Riding
Lafayette, IN -- Stopping places and talking to people has been fun and interesting, but most of the time, I'm riding my bike.
I do plenty of looking around while I'm pedaling (Recently, I look at corn, soybeans, and the signs telling me what brand of genetically modified corn or soybeans I'm looking at.) but I also do a lot of listening. More than I had expected. The tires make noise on the road, and the chain moving the gears while I pedal does, too. The shifters click when I shift and then the derailleurs make a different click when they respond and move the chain onto the right cog. Other clicks, especially repeating ones, can mean something on the bike isn't running quite right.

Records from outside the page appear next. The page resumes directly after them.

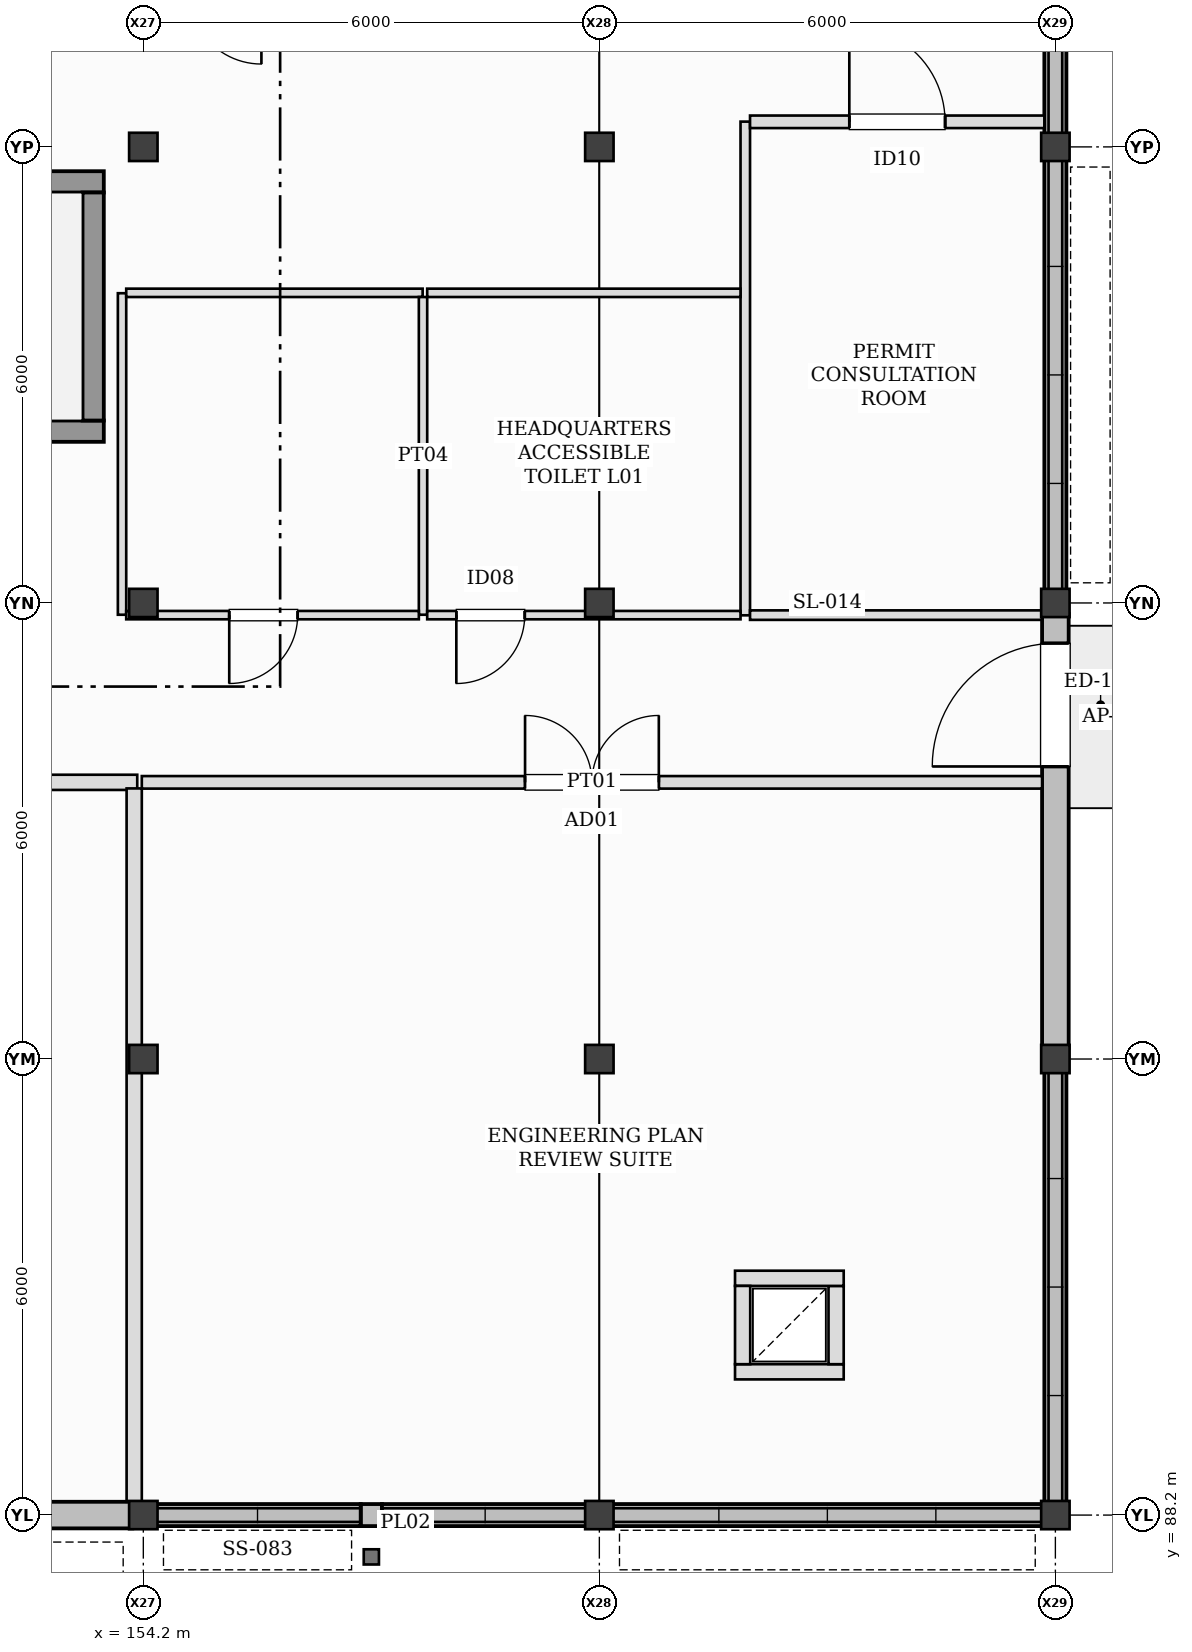
"""IFC4 building model, lengths in metres.
Left out: names, types, materials, properties, quantities, classifications, styles, units other than length and angle.
Written with IfcOpenShell. Run it as: python <this file> out.ifc"""

import sys

from ifc_helpers import new_model, si_unit, direction, frame, frame_2d, origin, origin_2d, place, context, subcontext, project, spatial, rectangle, hollow_rectangle, i_section, extrude, element, fill, save


model = new_model("IFC4")
c1 = context("Model", 3, precision=1e-05, world=origin(), true_north=direction((0.0, 1.0)))
c2 = subcontext(c1, "Body", "Model", "MODEL_VIEW")
j1 = project(units=[si_unit("LENGTHUNIT", "METRE"), si_unit("PLANEANGLEUNIT", "RADIAN")], contexts=[c1])
p1 = place(None, origin())
s1 = spatial("IfcSite", under=j1, at=p1, CompositionType="ELEMENT")
p2 = place(p1, origin())
s2 = spatial("IfcBuilding", under=s1, at=p2, CompositionType="ELEMENT")
p3 = place(p2, origin())
s3 = spatial("IfcBuildingStorey", under=s2, at=p3, CompositionType="ELEMENT", Elevation=0.0)
for number, where, z_axis, x_axis in (
    (1, (154.2, 88.2, 0.0), (0.0, 0.0, 1.0), (1.0, 0.0, 0.0)),
    (2, (154.2, 94.2, 0.0), (0.0, 0.0, 1.0), (1.0, 0.0, 0.0)),
    (3, (154.2, 100.2, 0.0), (0.0, 0.0, 1.0), (1.0, 0.0, 0.0)),
    (4, (154.2, 106.2, 0.0), (0.0, 0.0, 1.0), (1.0, 0.0, 0.0)),
    (5, (160.2, 88.2, 0.0), (0.0, 0.0, 1.0), (1.0, 0.0, 0.0)),
    (6, (160.2, 94.2, 0.0), (0.0, 0.0, 1.0), (1.0, 0.0, 0.0)),
    (7, (160.2, 100.2, 0.0), (0.0, 0.0, 1.0), (1.0, 0.0, 0.0)),
    (8, (160.2, 106.2, 0.0), (0.0, 0.0, 1.0), (1.0, 0.0, 0.0)),
    (9, (166.2, 88.2, 0.0), (0.0, 0.0, 1.0), (1.0, 0.0, 0.0)),
    (10, (166.2, 94.2, 0.0), (0.0, 0.0, 1.0), (1.0, 0.0, 0.0)),
    (11, (166.2, 100.2, 0.0), (0.0, 0.0, 1.0), (1.0, 0.0, 0.0)),
    (12, (166.2, 106.2, 0.0), (0.0, 0.0, 1.0), (1.0, 0.0, 0.0)),
):
    element("IfcColumn", number, at=place(p3, frame(where, z_axis=z_axis, x_axis=x_axis)), inside=s3, PredefinedType="COLUMN", context=c2, shape_type="SweptSolid", body=[
        extrude(i_section(OverallWidth=0.374, OverallDepth=0.372, WebThickness=0.016, FlangeThickness=0.026, at=origin_2d()), origin(), (0.0, 0.0, 1.0), 6.0),
    ])
p4 = place(p3, frame((157.2, 87.65, -0.35), z_axis=(0.0, 0.0, 1.0), x_axis=(1.0, 0.0, 0.0)))
e13 = element("IfcColumn", 13, at=p4, inside=s3, PredefinedType="PILASTER", context=c2, shape_type="SweptSolid", body=[
    extrude(hollow_rectangle(XDim=0.2, YDim=0.2, WallThickness=0.01, at=origin_2d()), origin(), (0.0, 0.0, 1.0), 6.35),
])
p5 = place(p3, frame((148.345, 88.2, 0.0), z_axis=(0.0, 0.0, 1.0), x_axis=(1.0, 0.0, 0.0)))
e14 = element("IfcWall", 14, at=p5, inside=s3, PredefinedType="STANDARD", context=c2, shape_type="SweptSolid", body=[
    extrude(rectangle(XDim=5.71, YDim=0.35, at=frame_2d((2.855, 0.0))), origin(), (0.0, 0.0, 1.0), 5.113),
])
p6 = place(p5, frame((2.345, 0.0, 0.85)))
e15 = element("IfcOpeningElement", 15, at=p6, cuts=e14, PredefinedType="OPENING", context=c2, shape_type="SweptSolid", body=[
    extrude(rectangle(XDim=1.02, YDim=2.05, at=frame_2d((0.51, 1.025))), frame((0.0, 0.185, 0.0), z_axis=(0.0, -1.0, 0.0), x_axis=(1.0, 0.0, 0.0)), (0.0, 0.0, 1.0), 0.37),
])
p7 = place(p3, frame((157.06, 88.2, 0.0), z_axis=(0.0, 0.0, 1.0), x_axis=(1.0, 0.0, 0.0)))
e16 = element("IfcWall", 16, at=p7, inside=s3, PredefinedType="STANDARD", context=c2, shape_type="SweptSolid", body=[
    extrude(rectangle(XDim=0.28, YDim=0.29, at=frame_2d((0.14, 0.0))), origin(), (0.0, 0.0, 1.0), 5.113),
])
p8 = place(p3, frame((154.345, 88.2, 0.0), z_axis=(0.0, 0.0, 1.0), x_axis=(1.0, 0.0, 0.0)))
e17 = element("IfcWall", 17, at=p8, inside=s3, PredefinedType="STANDARD", context=c2, shape_type="SweptSolid", body=[
    extrude(rectangle(XDim=2.715, YDim=0.29, at=frame_2d((1.357, 0.0))), origin(), (0.0, 0.0, 1.0), 0.56),
])
p9 = place(p3, frame((157.34, 88.2, 0.0), z_axis=(0.0, 0.0, 1.0), x_axis=(1.0, 0.0, 0.0)))
e18 = element("IfcWall", 18, at=p9, inside=s3, PredefinedType="STANDARD", context=c2, shape_type="SweptSolid", body=[
    extrude(rectangle(XDim=2.715, YDim=0.29, at=frame_2d((1.357, 0.0))), origin(), (0.0, 0.0, 1.0), 0.68),
])
p10 = place(p3, frame((160.345, 88.2, 0.0), z_axis=(0.0, 0.0, 1.0), x_axis=(1.0, 0.0, 0.0)))
e19 = element("IfcWall", 19, at=p10, inside=s3, PredefinedType="STANDARD", context=c2, shape_type="SweptSolid", body=[
    extrude(rectangle(XDim=5.71, YDim=0.29, at=frame_2d((2.855, 0.0))), origin(), (0.0, 0.0, 1.0), 0.8),
])
p11 = place(p3, frame((166.2, 88.345, 0.0), z_axis=(0.0, 0.0, 1.0), x_axis=(0.0, 1.0, 0.0)))
e20 = element("IfcWall", 20, at=p11, inside=s3, PredefinedType="STANDARD", context=c2, shape_type="SweptSolid", body=[
    extrude(rectangle(XDim=5.71, YDim=0.29, at=frame_2d((2.855, 0.0))), origin(), (0.0, 0.0, 1.0), 0.92),
])
p12 = place(p3, frame((166.2, 94.345, 0.0), z_axis=(0.0, 0.0, 1.0), x_axis=(0.0, 1.0, 0.0)))
e21 = element("IfcWall", 21, at=p12, inside=s3, PredefinedType="STANDARD", context=c2, shape_type="SweptSolid", body=[
    extrude(rectangle(XDim=5.71, YDim=0.35, at=frame_2d((2.855, 0.0))), origin(), (0.0, 0.0, 1.0), 5.044),
])
p13 = place(p12, frame((3.704, 0.0, 0.0)))
e22 = element("IfcOpeningElement", 22, at=p13, cuts=e21, PredefinedType="OPENING", context=c2, shape_type="SweptSolid", body=[
    extrude(rectangle(XDim=1.62, YDim=2.2, at=frame_2d((0.81, 1.1))), frame((0.0, 0.185, 0.0), z_axis=(0.0, -1.0, 0.0), x_axis=(1.0, 0.0, 0.0)), (0.0, 0.0, 1.0), 0.37),
])
p14 = place(p3, frame((166.2, 100.345, 0.0), z_axis=(0.0, 0.0, 1.0), x_axis=(0.0, 1.0, 0.0)))
e23 = element("IfcWall", 23, at=p14, inside=s3, PredefinedType="STANDARD", context=c2, shape_type="SweptSolid", body=[
    extrude(rectangle(XDim=5.71, YDim=0.29, at=frame_2d((2.855, 0.0))), origin(), (0.0, 0.0, 1.0), 0.32),
])
p15 = place(p3, frame((166.2, 106.345, 0.0), z_axis=(0.0, 0.0, 1.0), x_axis=(0.0, 1.0, 0.0)))
e24 = element("IfcWall", 24, at=p15, inside=s3, PredefinedType="STANDARD", context=c2, shape_type="SweptSolid", body=[
    extrude(rectangle(XDim=2.715, YDim=0.29, at=frame_2d((1.357, 0.0))), origin(), (0.0, 0.0, 1.0), 0.44),
])
p16 = place(p3, frame((145.52, 102.46, 0.0), z_axis=(0.0, 0.0, 1.0), x_axis=(1.0, 0.0, 0.0)))
e25 = element("IfcWall", 25, at=p16, inside=s3, PredefinedType="SHEAR", context=c2, shape_type="SweptSolid", body=[
    extrude(rectangle(XDim=8.16, YDim=0.28, at=frame_2d((4.08, 0.0))), origin(), (0.0, 0.0, 1.0), 6.0),
])
p17 = place(p16, frame((0.65, 0.0, 0.0)))
e26 = element("IfcOpeningElement", 26, at=p17, cuts=e25, PredefinedType="OPENING", context=c2, shape_type="SweptSolid", body=[
    extrude(rectangle(XDim=0.98, YDim=2.15, at=frame_2d((0.49, 1.075))), frame((0.0, 0.15, 0.0), z_axis=(0.0, -1.0, 0.0), x_axis=(1.0, 0.0, 0.0)), (0.0, 0.0, 1.0), 0.3),
])
p18 = place(p3, frame((153.68, 105.74, 0.0), z_axis=(0.0, 0.0, 1.0), x_axis=(-1.0, 0.0, 0.0)))
e27 = element("IfcWall", 27, at=p18, inside=s3, PredefinedType="SHEAR", context=c2, shape_type="SweptSolid", body=[
    extrude(rectangle(XDim=8.16, YDim=0.28, at=frame_2d((4.08, 0.0))), origin(), (0.0, 0.0, 1.0), 6.0),
])
p19 = place(p3, frame((153.54, 102.6, 0.0), z_axis=(0.0, 0.0, 1.0), x_axis=(0.0, 1.0, 0.0)))
e28 = element("IfcWall", 28, at=p19, inside=s3, PredefinedType="SHEAR", context=c2, shape_type="SweptSolid", body=[
    extrude(rectangle(XDim=3.0, YDim=0.28, at=frame_2d((1.5, 0.0))), origin(), (0.0, 0.0, 1.0), 6.0),
])
p20 = place(p3, frame((161.985, 90.085, 0.0), z_axis=(0.0, 0.0, 1.0), x_axis=(1.0, 0.0, 0.0)))
e29 = element("IfcWall", 29, at=p20, inside=s3, PredefinedType="PARTITIONING", context=c2, shape_type="SweptSolid", body=[
    extrude(rectangle(XDim=1.43, YDim=0.2, at=frame_2d((0.715, 0.0))), origin(), (0.0, 0.0, 1.0), 5.68),
])
p21 = place(p3, frame((163.315, 90.185, 0.0), z_axis=(0.0, 0.0, 1.0), x_axis=(0.0, 1.0, 0.0)))
e30 = element("IfcWall", 30, at=p21, inside=s3, PredefinedType="PARTITIONING", context=c2, shape_type="SweptSolid", body=[
    extrude(rectangle(XDim=1.03, YDim=0.2, at=frame_2d((0.515, 0.0))), origin(), (0.0, 0.0, 1.0), 5.68),
])
p22 = place(p3, frame((163.415, 91.315, 0.0), z_axis=(0.0, 0.0, 1.0), x_axis=(-1.0, 0.0, 0.0)))
e31 = element("IfcWall", 31, at=p22, inside=s3, PredefinedType="PARTITIONING", context=c2, shape_type="SweptSolid", body=[
    extrude(rectangle(XDim=1.43, YDim=0.2, at=frame_2d((0.715, 0.0))), origin(), (0.0, 0.0, 1.0), 5.68),
])
p23 = place(p3, frame((162.085, 91.215, 0.0), z_axis=(0.0, 0.0, 1.0), x_axis=(0.0, -1.0, 0.0)))
e32 = element("IfcWall", 32, at=p23, inside=s3, PredefinedType="PARTITIONING", context=c2, shape_type="SweptSolid", body=[
    extrude(rectangle(XDim=1.03, YDim=0.2, at=frame_2d((0.515, 0.0))), origin(), (0.0, 0.0, 1.0), 5.249),
])
p24 = place(p3, frame((142.35, 97.84, 0.0), z_axis=(0.0, 0.0, 1.0), x_axis=(1.0, 0.0, 0.0)))
e33 = element("IfcWall", 33, at=p24, inside=s3, PredefinedType="PARTITIONING", context=c2, shape_type="SweptSolid", body=[
    extrude(rectangle(XDim=11.77, YDim=0.2, at=frame_2d((5.885, 0.0))), origin(), (0.0, 0.0, 1.0), 5.68),
])
p25 = place(p3, frame((154.08, 97.76, 0.0), z_axis=(0.0, 0.0, 1.0), x_axis=(0.0, -1.0, 0.0)))
e34 = element("IfcWall", 34, at=p25, inside=s3, PredefinedType="PARTITIONING", context=c2, shape_type="SweptSolid", body=[
    extrude(rectangle(XDim=9.385, YDim=0.2, at=frame_2d((4.692, 0.0))), origin(), (0.0, 0.0, 1.0), 5.044),
])
p26 = place(p3, frame((154.18, 97.84, 0.0), z_axis=(0.0, 0.0, 1.0), x_axis=(1.0, 0.0, 0.0)))
e35 = element("IfcWall", 35, at=p26, inside=s3, PredefinedType="PARTITIONING", context=c2, shape_type="SweptSolid", body=[
    extrude(rectangle(XDim=11.845, YDim=0.165, at=frame_2d((5.922, 0.0))), origin(), (0.0, 0.0, 1.0), 5.68),
])
p27 = place(p26, frame((5.042, 0.0, 0.0)))
e36 = element("IfcOpeningElement", 36, at=p27, cuts=e35, PredefinedType="OPENING", context=c2, shape_type="SweptSolid", body=[
    extrude(rectangle(XDim=1.76, YDim=2.26, at=frame_2d((0.88, 1.13))), frame((0.0, 0.093, 0.0), z_axis=(0.0, -1.0, 0.0), x_axis=(1.0, 0.0, 0.0)), (0.0, 0.0, 1.0), 0.185),
])
p28 = place(p3, frame((153.92, 100.045, 0.0), z_axis=(0.0, 0.0, 1.0), x_axis=(0.0, 1.0, 0.0)))
e37 = element("IfcWall", 37, at=p28, inside=s3, PredefinedType="PARTITIONING", context=c2, shape_type="SweptSolid", body=[
    extrude(rectangle(XDim=4.23, YDim=0.11, at=frame_2d((2.115, 0.0))), origin(), (0.0, 0.0, 1.0), 5.044),
])
p29 = place(p3, frame((153.975, 104.28, 0.0), z_axis=(0.0, 0.0, 1.0), x_axis=(1.0, 0.0, 0.0)))
e38 = element("IfcWall", 38, at=p29, inside=s3, PredefinedType="PARTITIONING", context=c2, shape_type="SweptSolid", body=[
    extrude(rectangle(XDim=3.9, YDim=0.11, at=frame_2d((1.95, 0.0))), origin(), (0.0, 0.0, 1.0), 5.68),
])
p30 = place(p3, frame((157.88, 104.225, 0.0), z_axis=(0.0, 0.0, 1.0), x_axis=(0.0, -1.0, 0.0)))
e39 = element("IfcWall", 39, at=p30, inside=s3, PredefinedType="PARTITIONING", context=c2, shape_type="SweptSolid", body=[
    extrude(rectangle(XDim=4.18, YDim=0.11, at=frame_2d((2.09, 0.0))), origin(), (0.0, 0.0, 1.0), 5.39),
])
p31 = place(p3, frame((157.825, 100.04, 0.0), z_axis=(0.0, 0.0, 1.0), x_axis=(-1.0, 0.0, 0.0)))
e40 = element("IfcWall", 40, at=p31, inside=s3, PredefinedType="PARTITIONING", context=c2, shape_type="SweptSolid", body=[
    extrude(rectangle(XDim=3.85, YDim=0.11, at=frame_2d((1.925, 0.0))), origin(), (0.0, 0.0, 1.0), 5.113),
])
p32 = place(p31, frame((1.594, 0.0, 0.0)))
e41 = element("IfcOpeningElement", 41, at=p32, cuts=e40, PredefinedType="OPENING", context=c2, shape_type="SweptSolid", body=[
    extrude(rectangle(XDim=0.9, YDim=2.1, at=frame_2d((0.45, 1.05))), frame((0.0, 0.065, 0.0), z_axis=(0.0, -1.0, 0.0), x_axis=(1.0, 0.0, 0.0)), (0.0, 0.0, 1.0), 0.13),
])
p33 = place(p3, frame((162.12, 100.038, 0.0), z_axis=(0.0, 0.0, 1.0), x_axis=(0.0, 1.0, 0.0)))
e42 = element("IfcWall", 42, at=p33, inside=s3, PredefinedType="PARTITIONING", context=c2, shape_type="SweptSolid", body=[
    extrude(rectangle(XDim=6.495, YDim=0.125, at=frame_2d((3.248, 0.0))), origin(), (0.0, 0.0, 1.0), 5.451),
])
p34 = place(p3, frame((162.183, 106.53, 0.0), z_axis=(0.0, 0.0, 1.0), x_axis=(1.0, 0.0, 0.0)))
e43 = element("IfcWall", 43, at=p34, inside=s3, PredefinedType="PARTITIONING", context=c2, shape_type="SweptSolid", body=[
    extrude(rectangle(XDim=3.872, YDim=0.165, at=frame_2d((1.936, 0.0))), origin(), (0.0, 0.0, 1.0), 5.113),
])
p35 = place(p34, frame((1.306, 0.0, 0.0)))
e44 = element("IfcOpeningElement", 44, at=p35, cuts=e43, PredefinedType="OPENING", context=c2, shape_type="SweptSolid", body=[
    extrude(rectangle(XDim=1.26, YDim=2.2, at=frame_2d((0.63, 1.1))), frame((0.0, 0.093, 0.0), z_axis=(0.0, -1.0, 0.0), x_axis=(1.0, 0.0, 0.0)), (0.0, 0.0, 1.0), 0.185),
])
p36 = place(p3, frame((166.025, 100.04, 0.0), z_axis=(0.0, 0.0, 1.0), x_axis=(-1.0, 0.0, 0.0)))
e45 = element("IfcWall", 45, at=p36, inside=s3, PredefinedType="PARTITIONING", context=c2, shape_type="SweptSolid", body=[
    extrude(rectangle(XDim=3.842, YDim=0.125, at=frame_2d((1.921, 0.0))), origin(), (0.0, 0.0, 1.0), 5.113),
])
p37 = place(p3, frame((157.935, 104.28, 0.0), z_axis=(0.0, 0.0, 1.0), x_axis=(1.0, 0.0, 0.0)))
e46 = element("IfcWall", 46, at=p37, inside=s3, PredefinedType="PARTITIONING", context=c2, shape_type="SweptSolid", body=[
    extrude(rectangle(XDim=4.123, YDim=0.11, at=frame_2d((2.061, 0.0))), origin(), (0.0, 0.0, 1.0), 5.68),
])
p38 = place(p3, frame((162.058, 100.04, 0.0), z_axis=(0.0, 0.0, 1.0), x_axis=(-1.0, 0.0, 0.0)))
e47 = element("IfcWall", 47, at=p38, inside=s3, PredefinedType="PARTITIONING", context=c2, shape_type="SweptSolid", body=[
    extrude(rectangle(XDim=4.123, YDim=0.11, at=frame_2d((2.061, 0.0))), origin(), (0.0, 0.0, 1.0), 5.113),
])
p39 = place(p38, frame((2.839, 0.0, 0.0)))
e48 = element("IfcOpeningElement", 48, at=p39, cuts=e47, PredefinedType="OPENING", context=c2, shape_type="SweptSolid", body=[
    extrude(rectangle(XDim=0.9, YDim=2.1, at=frame_2d((0.45, 1.05))), frame((0.0, 0.065, 0.0), z_axis=(0.0, -1.0, 0.0), x_axis=(1.0, 0.0, 0.0)), (0.0, 0.0, 1.0), 0.13),
])
p40 = place(p13, frame((1.62, 0.0, 0.0), z_axis=(0.0, 0.0, 1.0), x_axis=(-1.0, 0.0, 0.0)))
e49 = element("IfcDoor", 49, at=p40, inside=s3, OperationType="SINGLE_SWING_LEFT", PredefinedType="DOOR", context=c2, shape_type="SweptSolid", body=[
    extrude(rectangle(XDim=1.62, YDim=2.2, at=frame_2d((0.81, 1.1))), frame((0.0, 0.025, 0.0), z_axis=(0.0, -1.0, 0.0), x_axis=(1.0, 0.0, 0.0)), (0.0, 0.0, 1.0), 0.05),
])
fill(e22, e49)
p41 = place(p27, frame((1.76, 0.0, 0.0), z_axis=(0.0, 0.0, 1.0), x_axis=(-1.0, 0.0, 0.0)))
e50 = element("IfcDoor", 50, at=p41, inside=s3, OperationType="DOUBLE_DOOR_SINGLE_SWING", PredefinedType="DOOR", context=c2, shape_type="SweptSolid", body=[
    extrude(rectangle(XDim=1.76, YDim=2.26, at=frame_2d((0.88, 1.13))), frame((0.0, 0.025, 0.0), z_axis=(0.0, -1.0, 0.0), x_axis=(1.0, 0.0, 0.0)), (0.0, 0.0, 1.0), 0.05),
])
fill(e36, e50)
p42 = place(p32, frame((0.9, 0.0, 0.0), z_axis=(0.0, 0.0, 1.0), x_axis=(-1.0, 0.0, 0.0)))
e51 = element("IfcDoor", 51, at=p42, inside=s3, OperationType="SINGLE_SWING_RIGHT", PredefinedType="DOOR", context=c2, shape_type="SweptSolid", body=[
    extrude(rectangle(XDim=0.9, YDim=2.1, at=frame_2d((0.45, 1.05))), frame((0.0, 0.025, 0.0), z_axis=(0.0, -1.0, 0.0), x_axis=(1.0, 0.0, 0.0)), (0.0, 0.0, 1.0), 0.05),
])
fill(e41, e51)
p43 = place(p35, frame((1.26, 0.0, 0.0), z_axis=(0.0, 0.0, 1.0), x_axis=(-1.0, 0.0, 0.0)))
e52 = element("IfcDoor", 52, at=p43, inside=s3, OperationType="SINGLE_SWING_LEFT", PredefinedType="DOOR", context=c2, shape_type="SweptSolid", body=[
    extrude(rectangle(XDim=1.26, YDim=2.2, at=frame_2d((0.63, 1.1))), frame((0.0, 0.025, 0.0), z_axis=(0.0, -1.0, 0.0), x_axis=(1.0, 0.0, 0.0)), (0.0, 0.0, 1.0), 0.05),
])
fill(e44, e52)
p44 = place(p39, frame((0.9, 0.0, 0.0), z_axis=(0.0, 0.0, 1.0), x_axis=(-1.0, 0.0, 0.0)))
e53 = element("IfcDoor", 53, at=p44, inside=s3, OperationType="SINGLE_SWING_RIGHT", PredefinedType="DOOR", context=c2, shape_type="SweptSolid", body=[
    extrude(rectangle(XDim=0.9, YDim=2.1, at=frame_2d((0.45, 1.05))), frame((0.0, 0.025, 0.0), z_axis=(0.0, -1.0, 0.0), x_axis=(1.0, 0.0, 0.0)), (0.0, 0.0, 1.0), 0.05),
])
fill(e48, e53)
save(model, sys.argv[1])

The wind is the most constant noise, though, and it can keep me from hearing most other things. Today, when I was heading west, straight into it, I could barely hear my tires on the pavement or myself singing. I sing from time to time, usually a song that I hear in a store when I stop or that I have stuck in my head because of its lyrics. While I crossed Massachusetts, James Taylor's "Sweet Baby James," ran through my head with its line about "the Turnpike from Stockbridge to Boston." There's a song about Ohio that hasn't quite left me even though I'm in Indiana now. I whistle, too, and I talk to myself sometimes.
I take breaks as they seem necessary or interesting, or mostly, when I get hungry. Out here, I've been riding through a lot of fields so enough shade to sit under is also a good reason to stop. Most of the time I just eat something and move on, but sometimes it takes me a while to get back on the bike. Today I stopped to buy bread and was sitting there eating it when 75 people on Harleys parked across the street. That turned into a longer break. They had planned their ride as a fundraiser for a man running for Sheriff, but their candidate was killed two days ago in a motorcycle accident, so they turned it into a memorial ride. Later in the afternoon, what was going to be a food stop in Frankfort lasted almost two hours when it turned out to be the site of the county fair. And my stop here in Lafayette is going to last a day longer than I expected as my friend's cousins show me around town. ("Hoosier Hospitality," they're calling it. Great by any name.)
There'll be more riding tomorrow. Out here, I'm riding 80 miles a day without any trouble because it's so flat. My hosts tell me that I'm going to hit the Great Plains soon, so then it will be even flatter. That would speed me on to my next destination, except that I don't really have one. Anyone have family or friends in Illinois, Iowa or Nebraska?